# The Throne Room (The Trumpet, The Trombone)



## Marius Masalar (May 23, 2010)

Hi all!

As a counterpart to Sam's scary-good mock-up of the Imperial March, I wanted to offer you a complementary demo that shows off some different aspects of the libraries, unaccompanied — and still using Star Wars as the vessel.

Here, therefore, is my rendition of the Throne Room theme scored for brass chorale (technically not since there are no horns, but close enough):

[mp3]http://www.mathazzar.com/Music/Thrombone%20Room.mp3[/mp3]

Obviously, I've taken a lot more liberties with interpreting the original, but the intent was to show off the magnificent warmth and character of the quieter dynamics of these libraries too.

Enjoy!


----------



## Guy Bacos (May 24, 2010)

For a virtual brass mockup, that isn't bad, some places I like more than others, in some sections frequencies need more work, they tend to get confused with one another. But that's not your fault, you've undertaken one of the biggest challenge in virtual mockup, a brass section alone. I'm not sure I would have the courage to try that, you have guts.


----------



## Marius Masalar (May 24, 2010)

Thanks, Guy!

You're right, there are still some issues of frequency and phasing clashes that could use cleaning, and I'm sure that I'll learn how to avoid them as I continue learning to use the tools. Still, they're so inspiring to play that I was compelled to give it a shot and see what comes of it.

Thank you for giving it a listen!


----------



## Marius Masalar (May 25, 2010)

Thank you, Thomas! :D

That's always great to hear, I'm glad you enjoyed.

I appreciate the listen & comment!


----------



## Hannes_F (May 25, 2010)

Hi Marius, I would love to listen to this on studio monitors but would need a downloadeable link, thanks.


----------



## Marius Masalar (May 25, 2010)

Oh, sure thing, Hannes! I just used the player widget because I figured people would prefer being able to just hit play.

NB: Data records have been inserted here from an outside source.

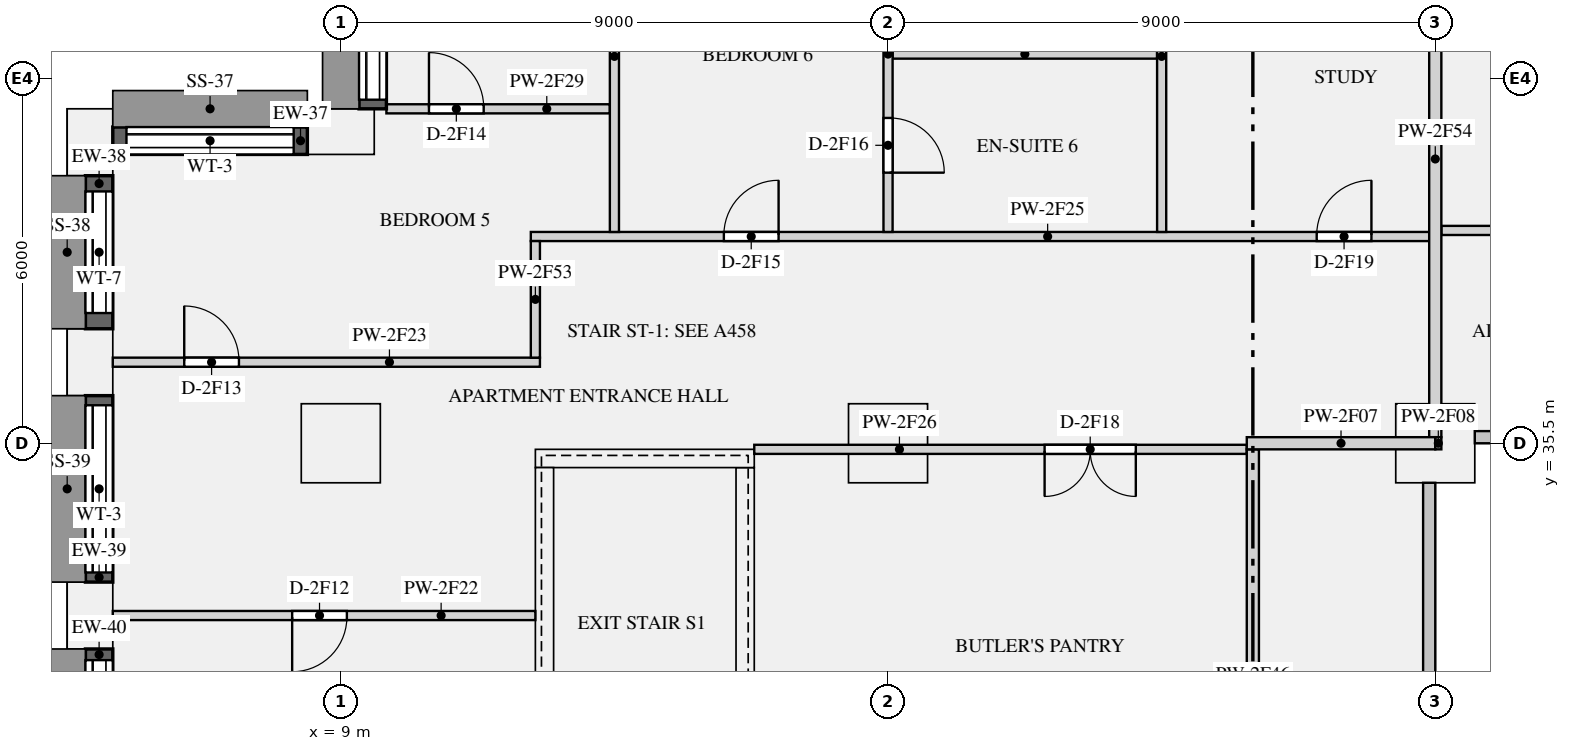
"""IFC4 building model, lengths in metres.
Left out: names, types, materials, properties, quantities, classifications, styles, units other than length and angle.
Written with IfcOpenShell. Run it as: python <this file> out.ifc"""

import sys

from ifc_helpers import new_model, si_unit, direction, frame, frame_2d, origin, origin_2d, place, context, subcontext, project, spatial, rectangle, extrude, element, fill, save


model = new_model("IFC4")
c1 = context("Model", 3, precision=1e-05, world=origin(), true_north=direction((0.0, 1.0)))
c2 = subcontext(c1, "Body", "Model", "MODEL_VIEW")
j1 = project(units=[si_unit("LENGTHUNIT", "METRE"), si_unit("PLANEANGLEUNIT", "RADIAN")], contexts=[c1])
p1 = place(None, origin())
s1 = spatial("IfcSite", under=j1, at=p1, CompositionType="ELEMENT")
p2 = place(p1, origin())
s2 = spatial("IfcBuilding", under=s1, at=p2, CompositionType="ELEMENT")
p3 = place(p2, frame((0.0, 0.0, 127.65)))
s3 = spatial("IfcBuildingStorey", under=s2, at=p3, CompositionType="ELEMENT", Elevation=127.65)
for number, where, z_axis, x_axis in (
    (1, (9.0, 40.625, 0.0), (0.0, 0.0, 1.0), (-1.0, 0.0, 0.0)),
    (2, (4.875, 40.45, 0.0), (0.0, 0.0, 1.0), (0.0, -1.0, 0.0)),
    (3, (4.875, 36.833, 0.0), (0.0, 0.0, 1.0), (0.0, -1.0, 0.0)),
    (4, (4.875, 32.667, 0.0), (0.0, 0.0, 1.0), (0.0, -1.0, 0.0)),
):
    element("IfcColumn", number, at=place(p3, frame(where, z_axis=z_axis, x_axis=x_axis)), inside=s3, PredefinedType="USERDEFINED", context=c2, shape_type="SweptSolid", body=[
        extrude(rectangle(XDim=1.1, YDim=0.75, at=origin_2d()), origin(), (0.0, 0.0, 1.0), 3.15),
    ])
for number, where, z_axis, x_axis in (
    (5, (9.0, 35.5, 0.0), (0.0, 0.0, 1.0), (1.0, 0.0, 0.0)),
    (6, (18.0, 35.5, 0.0), (0.0, 0.0, 1.0), (1.0, 0.0, 0.0)),
    (7, (27.0, 35.5, 0.0), (0.0, 0.0, 1.0), (1.0, 0.0, 0.0)),
):
    element("IfcColumn", number, at=place(p3, frame(where, z_axis=z_axis, x_axis=x_axis)), inside=s3, PredefinedType="COLUMN", context=c2, shape_type="SweptSolid", body=[
        extrude(rectangle(XDim=1.3, YDim=1.3, at=origin_2d()), origin(), (0.0, 0.0, 1.0), 3.15),
    ])
p4 = place(p3, frame((12.2, 35.25, 0.0), z_axis=(0.0, 0.0, 1.0), x_axis=(1.0, 0.0, 0.0)))
e8 = element("IfcWall", 8, at=p4, inside=s3, PredefinedType="SHEAR", context=c2, shape_type="SweptSolid", body=[
    extrude(rectangle(XDim=3.6, YDim=0.3, at=frame_2d((1.8, 0.0))), origin(), (0.0, 0.0, 1.0), 3.15),
])
for number, where, z_axis, x_axis in (
    (9, (12.35, 27.3, 0.0), (0.0, 0.0, 1.0), (0.0, 1.0, 0.0)),
    (10, (15.65, 27.3, 0.0), (0.0, 0.0, 1.0), (0.0, 1.0, 0.0)),
):
    element("IfcWall", number, at=place(p3, frame(where, z_axis=z_axis, x_axis=x_axis)), inside=s3, PredefinedType="SHEAR", context=c2, shape_type="SweptSolid", body=[
        extrude(rectangle(XDim=7.8, YDim=0.3, at=frame_2d((3.9, 0.0))), origin(), (0.0, 0.0, 1.0), 3.15),
    ])
p5 = place(p3, frame((9.525, 44.4, 0.9), z_axis=(0.0, 0.0, 1.0), x_axis=(0.0, -1.0, 0.0)))
e11 = element("IfcWall", 11, at=p5, inside=s3, PredefinedType="SOLIDWALL", context=c2, shape_type="SweptSolid", body=[
    extrude(rectangle(XDim=3.4, YDim=0.45, at=frame_2d((1.7, 0.0))), origin(), (0.0, 0.0, 1.0), 1.75),
])
p6 = place(p5, frame((0.15, 0.0, 0.15)))
e12 = element("IfcOpeningElement", 12, at=p6, cuts=e11, PredefinedType="OPENING", context=c2, shape_type="SweptSolid", body=[
    extrude(rectangle(XDim=3.1, YDim=1.5, at=frame_2d((1.55, 0.75))), frame((0.0, 0.235, 0.0), z_axis=(0.0, -1.0, 0.0), x_axis=(1.0, 0.0, 0.0)), (0.0, 0.0, 1.0), 0.47),
])
p7 = place(p3, frame((8.45, 40.475, 0.9), z_axis=(0.0, 0.0, 1.0), x_axis=(-1.0, 0.0, 0.0)))
e13 = element("IfcWall", 13, at=p7, inside=s3, PredefinedType="SOLIDWALL", context=c2, shape_type="SweptSolid", body=[
    extrude(rectangle(XDim=3.2, YDim=0.45, at=frame_2d((1.6, 0.0))), origin(), (0.0, 0.0, 1.0), 1.75),
])
p8 = place(p7, frame((0.225, 0.0, 0.15)))
e14 = element("IfcOpeningElement", 14, at=p8, cuts=e13, PredefinedType="OPENING", context=c2, shape_type="SweptSolid", body=[
    extrude(rectangle(XDim=2.75, YDim=1.5, at=frame_2d((1.375, 0.75))), frame((0.0, 0.235, 0.0), z_axis=(0.0, -1.0, 0.0), x_axis=(1.0, 0.0, 0.0)), (0.0, 0.0, 1.0), 0.47),
])
p9 = place(p3, frame((5.025, 39.9, 0.9), z_axis=(0.0, 0.0, 1.0), x_axis=(0.0, -1.0, 0.0)))
e15 = element("IfcWall", 15, at=p9, inside=s3, PredefinedType="SOLIDWALL", context=c2, shape_type="SweptSolid", body=[
    extrude(rectangle(XDim=2.517, YDim=0.45, at=frame_2d((1.258, 0.0))), origin(), (0.0, 0.0, 1.0), 1.75),
])
p10 = place(p9, frame((0.259, 0.0, 0.15)))
e16 = element("IfcOpeningElement", 16, at=p10, cuts=e15, PredefinedType="OPENING", context=c2, shape_type="SweptSolid", body=[
    extrude(rectangle(XDim=2.0, YDim=1.5, at=frame_2d((1.0, 0.75))), frame((0.0, 0.235, 0.0), z_axis=(0.0, -1.0, 0.0), x_axis=(1.0, 0.0, 0.0)), (0.0, 0.0, 1.0), 0.47),
])
p11 = place(p3, frame((5.025, 36.283, 0.9), z_axis=(0.0, 0.0, 1.0), x_axis=(0.0, -1.0, 0.0)))
e17 = element("IfcWall", 17, at=p11, inside=s3, PredefinedType="SOLIDWALL", context=c2, shape_type="SweptSolid", body=[
    extrude(rectangle(XDim=3.066, YDim=0.45, at=frame_2d((1.533, 0.0))), origin(), (0.0, 0.0, 1.0), 1.75),
])
p12 = place(p11, frame((0.158, 0.0, 0.15)))
e18 = element("IfcOpeningElement", 18, at=p12, cuts=e17, PredefinedType="OPENING", context=c2, shape_type="SweptSolid", body=[
    extrude(rectangle(XDim=2.75, YDim=1.5, at=frame_2d((1.375, 0.75))), frame((0.0, 0.235, 0.0), z_axis=(0.0, -1.0, 0.0), x_axis=(1.0, 0.0, 0.0)), (0.0, 0.0, 1.0), 0.47),
])
p13 = place(p3, frame((5.025, 32.117, 0.9), z_axis=(0.0, 0.0, 1.0), x_axis=(0.0, -1.0, 0.0)))
e19 = element("IfcWall", 19, at=p13, inside=s3, PredefinedType="SOLIDWALL", context=c2, shape_type="SweptSolid", body=[
    extrude(rectangle(XDim=2.867, YDim=0.45, at=frame_2d((1.434, 0.0))), origin(), (0.0, 0.0, 1.0), 1.75),
])
p14 = place(p13, frame((0.184, 0.0, 0.15)))
e20 = element("IfcOpeningElement", 20, at=p14, cuts=e19, PredefinedType="OPENING", context=c2, shape_type="SweptSolid", body=[
    extrude(rectangle(XDim=2.5, YDim=1.5, at=frame_2d((1.25, 0.75))), frame((0.0, 0.235, 0.0), z_axis=(0.0, -1.0, 0.0), x_axis=(1.0, 0.0, 0.0)), (0.0, 0.0, 1.0), 0.47),
])
p15 = place(p3, frame((23.9, 35.5, 0.0), z_axis=(0.0, 0.0, 1.0), x_axis=(1.0, 0.0, 0.0)))
e21 = element("IfcWall", 21, at=p15, inside=s3, PredefinedType="PARTITIONING", context=c2, shape_type="SweptSolid", body=[
    extrude(rectangle(XDim=3.1, YDim=0.2, at=frame_2d((1.55, 0.0))), origin(), (0.0, 0.0, 1.0), 2.65),
])
p16 = place(p3, frame((27.0, 35.5, 0.0), z_axis=(0.0, 0.0, 1.0), x_axis=(1.0, 0.0, 0.0)))
e22 = element("IfcWall", 22, at=p16, inside=s3, PredefinedType="PARTITIONING", context=c2, shape_type="SweptSolid", body=[
    extrude(rectangle(XDim=0.1, YDim=0.2, at=frame_2d((0.05, 0.0))), origin(), (0.0, 0.0, 1.0), 2.65),
])
p17 = place(p3, frame((5.25, 32.667, 0.0), z_axis=(0.0, 0.0, 1.0), x_axis=(1.0, 0.0, 0.0)))
e23 = element("IfcWall", 23, at=p17, inside=s3, PredefinedType="PARTITIONING", context=c2, shape_type="SweptSolid", body=[
    extrude(rectangle(XDim=6.95, YDim=0.15, at=frame_2d((3.475, 0.0))), origin(), (0.0, 0.0, 1.0), 2.65),
])
p18 = place(p17, frame((2.95, 0.0, 0.0)))
e24 = element("IfcOpeningElement", 24, at=p18, cuts=e23, PredefinedType="OPENING", context=c2, shape_type="SweptSolid", body=[
    extrude(rectangle(XDim=0.9, YDim=2.1, at=frame_2d((0.45, 1.05))), frame((0.0, 0.085, 0.0), z_axis=(0.0, -1.0, 0.0), x_axis=(1.0, 0.0, 0.0)), (0.0, 0.0, 1.0), 0.17),
])
p19 = place(p3, frame((5.25, 36.833, 0.0), z_axis=(0.0, 0.0, 1.0), x_axis=(1.0, 0.0, 0.0)))
e25 = element("IfcWall", 25, at=p19, inside=s3, PredefinedType="PARTITIONING", context=c2, shape_type="SweptSolid", body=[
    extrude(rectangle(XDim=7.025, YDim=0.15, at=frame_2d((3.512, 0.0))), origin(), (0.0, 0.0, 1.0), 2.65),
])
p20 = place(p19, frame((1.175, 0.0, 0.0)))
e26 = element("IfcOpeningElement", 26, at=p20, cuts=e25, PredefinedType="OPENING", context=c2, shape_type="SweptSolid", body=[
    extrude(rectangle(XDim=0.9, YDim=2.1, at=frame_2d((0.45, 1.05))), frame((0.0, 0.085, 0.0), z_axis=(0.0, -1.0, 0.0), x_axis=(1.0, 0.0, 0.0)), (0.0, 0.0, 1.0), 0.17),
])
p21 = place(p3, frame((12.125, 38.9, 0.0), z_axis=(0.0, 0.0, 1.0), x_axis=(1.0, 0.0, 0.0)))
e27 = element("IfcWall", 27, at=p21, inside=s3, PredefinedType="PARTITIONING", context=c2, shape_type="SweptSolid", body=[
    extrude(rectangle(XDim=14.775, YDim=0.15, at=frame_2d((7.387, 0.0))), origin(), (0.0, 0.0, 1.0), 2.65),
])
p22 = place(p21, frame((3.175, 0.0, 0.0)))
e28 = element("IfcOpeningElement", 28, at=p22, cuts=e27, PredefinedType="OPENING", context=c2, shape_type="SweptSolid", body=[
    extrude(rectangle(XDim=0.9, YDim=2.1, at=frame_2d((0.45, 1.05))), frame((0.0, 0.085, 0.0), z_axis=(0.0, -1.0, 0.0), x_axis=(1.0, 0.0, 0.0)), (0.0, 0.0, 1.0), 0.17),
])
p23 = place(p21, frame((12.925, 0.0, 0.0)))
e29 = element("IfcOpeningElement", 29, at=p23, cuts=e27, PredefinedType="OPENING", context=c2, shape_type="SweptSolid", body=[
    extrude(rectangle(XDim=0.9, YDim=2.1, at=frame_2d((0.45, 1.05))), frame((0.0, 0.085, 0.0), z_axis=(0.0, -1.0, 0.0), x_axis=(1.0, 0.0, 0.0)), (0.0, 0.0, 1.0), 0.17),
])
p24 = place(p3, frame((15.8, 35.4, 0.0), z_axis=(0.0, 0.0, 1.0), x_axis=(1.0, 0.0, 0.0)))
e30 = element("IfcWall", 30, at=p24, inside=s3, PredefinedType="PARTITIONING", context=c2, shape_type="SweptSolid", body=[
    extrude(rectangle(XDim=8.1, YDim=0.15, at=frame_2d((4.05, 0.0))), origin(), (0.0, 0.0, 1.0), 2.65),
])
p25 = place(p24, frame((4.775, 0.0, 0.0)))
e31 = element("IfcOpeningElement", 31, at=p25, cuts=e30, PredefinedType="OPENING", context=c2, shape_type="SweptSolid", body=[
    extrude(rectangle(XDim=1.5, YDim=2.1, at=frame_2d((0.75, 1.05))), frame((0.0, 0.085, 0.0), z_axis=(0.0, -1.0, 0.0), x_axis=(1.0, 0.0, 0.0)), (0.0, 0.0, 1.0), 0.17),
])
p26 = place(p3, frame((9.75, 41.0, 0.0), z_axis=(0.0, 0.0, 1.0), x_axis=(1.0, 0.0, 0.0)))
e32 = element("IfcWall", 32, at=p26, inside=s3, PredefinedType="PARTITIONING", context=c2, shape_type="SweptSolid", body=[
    extrude(rectangle(XDim=3.675, YDim=0.15, at=frame_2d((1.837, 0.0))), origin(), (0.0, 0.0, 1.0), 2.65),
])
p27 = place(p26, frame((0.7, 0.0, 0.0)))
e33 = element("IfcOpeningElement", 33, at=p27, cuts=e32, PredefinedType="OPENING", context=c2, shape_type="SweptSolid", body=[
    extrude(rectangle(XDim=0.9, YDim=2.1, at=frame_2d((0.45, 1.05))), frame((0.0, 0.085, 0.0), z_axis=(0.0, -1.0, 0.0), x_axis=(1.0, 0.0, 0.0)), (0.0, 0.0, 1.0), 0.17),
])
p28 = place(p3, frame((18.075, 41.9, 0.0), z_axis=(0.0, 0.0, 1.0), x_axis=(1.0, 0.0, 0.0)))
e34 = element("IfcWall", 34, at=p28, inside=s3, PredefinedType="PARTITIONING", context=c2, shape_type="SweptSolid", body=[
    extrude(rectangle(XDim=4.35, YDim=0.15, at=frame_2d((2.175, 0.0))), origin(), (0.0, 0.0, 1.0), 2.65),
])
p29 = place(p3, frame((27.1, 39.0, 0.0), z_axis=(0.0, 0.0, 1.0), x_axis=(1.0, 0.0, 0.0)))
e35 = element("IfcWall", 35, at=p29, inside=s3, PredefinedType="PARTITIONING", context=c2, shape_type="SweptSolid", body=[
    extrude(rectangle(XDim=22.475, YDim=0.15, at=frame_2d((11.237, 0.0))), origin(), (0.0, 0.0, 1.0), 2.65),
])
p30 = place(p29, frame((1.7, 0.0, 0.0)))
e36 = element("IfcOpeningElement", 36, at=p30, cuts=e35, PredefinedType="OPENING", context=c2, shape_type="SweptSolid", body=[
    extrude(rectangle(XDim=0.9, YDim=2.1, at=frame_2d((0.45, 1.05))), frame((0.0, 0.085, 0.0), z_axis=(0.0, -1.0, 0.0), x_axis=(1.0, 0.0, 0.0)), (0.0, 0.0, 1.0), 0.17),
])
p31 = place(p29, frame((6.2, 0.0, 0.0)))
e37 = element("IfcOpeningElement", 37, at=p31, cuts=e35, PredefinedType="OPENING", context=c2, shape_type="SweptSolid", body=[
    extrude(rectangle(XDim=0.9, YDim=2.1, at=frame_2d((0.45, 1.05))), frame((0.0, 0.085, 0.0), z_axis=(0.0, -1.0, 0.0), x_axis=(1.0, 0.0, 0.0)), (0.0, 0.0, 1.0), 0.17),
])
p32 = place(p29, frame((12.95, 0.0, 0.0)))
e38 = element("IfcOpeningElement", 38, at=p32, cuts=e35, PredefinedType="OPENING", context=c2, shape_type="SweptSolid", body=[
    extrude(rectangle(XDim=0.9, YDim=2.1, at=frame_2d((0.45, 1.05))), frame((0.0, 0.085, 0.0), z_axis=(0.0, -1.0, 0.0), x_axis=(1.0, 0.0, 0.0)), (0.0, 0.0, 1.0), 0.17),
])
p33 = place(p3, frame((18.0, 38.975, 0.0), z_axis=(0.0, 0.0, 1.0), x_axis=(0.0, 1.0, 0.0)))
e39 = element("IfcWall", 39, at=p33, inside=s3, PredefinedType="PARTITIONING", context=c2, shape_type="SweptSolid", body=[
    extrude(rectangle(XDim=5.775, YDim=0.15, at=frame_2d((2.887, 0.0))), origin(), (0.0, 0.0, 1.0), 2.65),
])
p34 = place(p33, frame((0.975, 0.0, 0.0)))
e40 = element("IfcOpeningElement", 40, at=p34, cuts=e39, PredefinedType="OPENING", context=c2, shape_type="SweptSolid", body=[
    extrude(rectangle(XDim=0.9, YDim=2.1, at=frame_2d((0.45, 1.05))), frame((0.0, 0.085, 0.0), z_axis=(0.0, -1.0, 0.0), x_axis=(1.0, 0.0, 0.0)), (0.0, 0.0, 1.0), 0.17),
])
p35 = place(p33, frame((3.975, 0.0, 0.0)))
e41 = element("IfcOpeningElement", 41, at=p35, cuts=e39, PredefinedType="OPENING", context=c2, shape_type="SweptSolid", body=[
    extrude(rectangle(XDim=0.9, YDim=2.1, at=frame_2d((0.45, 1.05))), frame((0.0, 0.085, 0.0), z_axis=(0.0, -1.0, 0.0), x_axis=(1.0, 0.0, 0.0)), (0.0, 0.0, 1.0), 0.17),
])
p36 = place(p3, frame((24.0, 27.1, 0.0), z_axis=(0.0, 0.0, 1.0), x_axis=(0.0, 1.0, 0.0)))
e42 = element("IfcWall", 42, at=p36, inside=s3, PredefinedType="PARTITIONING", context=c2, shape_type="SweptSolid", body=[
    extrude(rectangle(XDim=8.3, YDim=0.2, at=frame_2d((4.15, 0.0))), origin(), (0.0, 0.0, 1.0), 2.65),
])
p37 = place(p3, frame((13.5, 38.975, 0.0), z_axis=(0.0, 0.0, 1.0), x_axis=(0.0, 1.0, 0.0)))
e43 = element("IfcWall", 43, at=p37, inside=s3, PredefinedType="PARTITIONING", context=c2, shape_type="SweptSolid", body=[
    extrude(rectangle(XDim=5.775, YDim=0.15, at=frame_2d((2.887, 0.0))), origin(), (0.0, 0.0, 1.0), 2.65),
])
p38 = place(p3, frame((12.2, 36.908, 0.0), z_axis=(0.0, 0.0, 1.0), x_axis=(0.0, 1.0, 0.0)))
e44 = element("IfcWall", 44, at=p38, inside=s3, PredefinedType="PARTITIONING", context=c2, shape_type="SweptSolid", body=[
    extrude(rectangle(XDim=1.917, YDim=0.15, at=frame_2d((0.958, 0.0))), origin(), (0.0, 0.0, 1.0), 2.65),
])
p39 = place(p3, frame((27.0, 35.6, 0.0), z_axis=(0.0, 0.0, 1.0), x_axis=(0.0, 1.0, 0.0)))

Here's a direct link: http://www.mathazzar.com/Music/Thrombone%20Room.mp3


----------



## germancomponist (May 25, 2010)

Hannes_F @ Tue May 25 said:


> Hi Marius, I would love to listen to this on studio monitors but would need a downloadeable link, thanks.



Hi Hannes,

a trick for the future: When there is only the player but no downloadable link, do the following: click on the "quote" button. When the window opend copy the link between the ["mp3"]......["/mp3"] . Then paste this link into a new browser site, well done. o-[][]-o


----------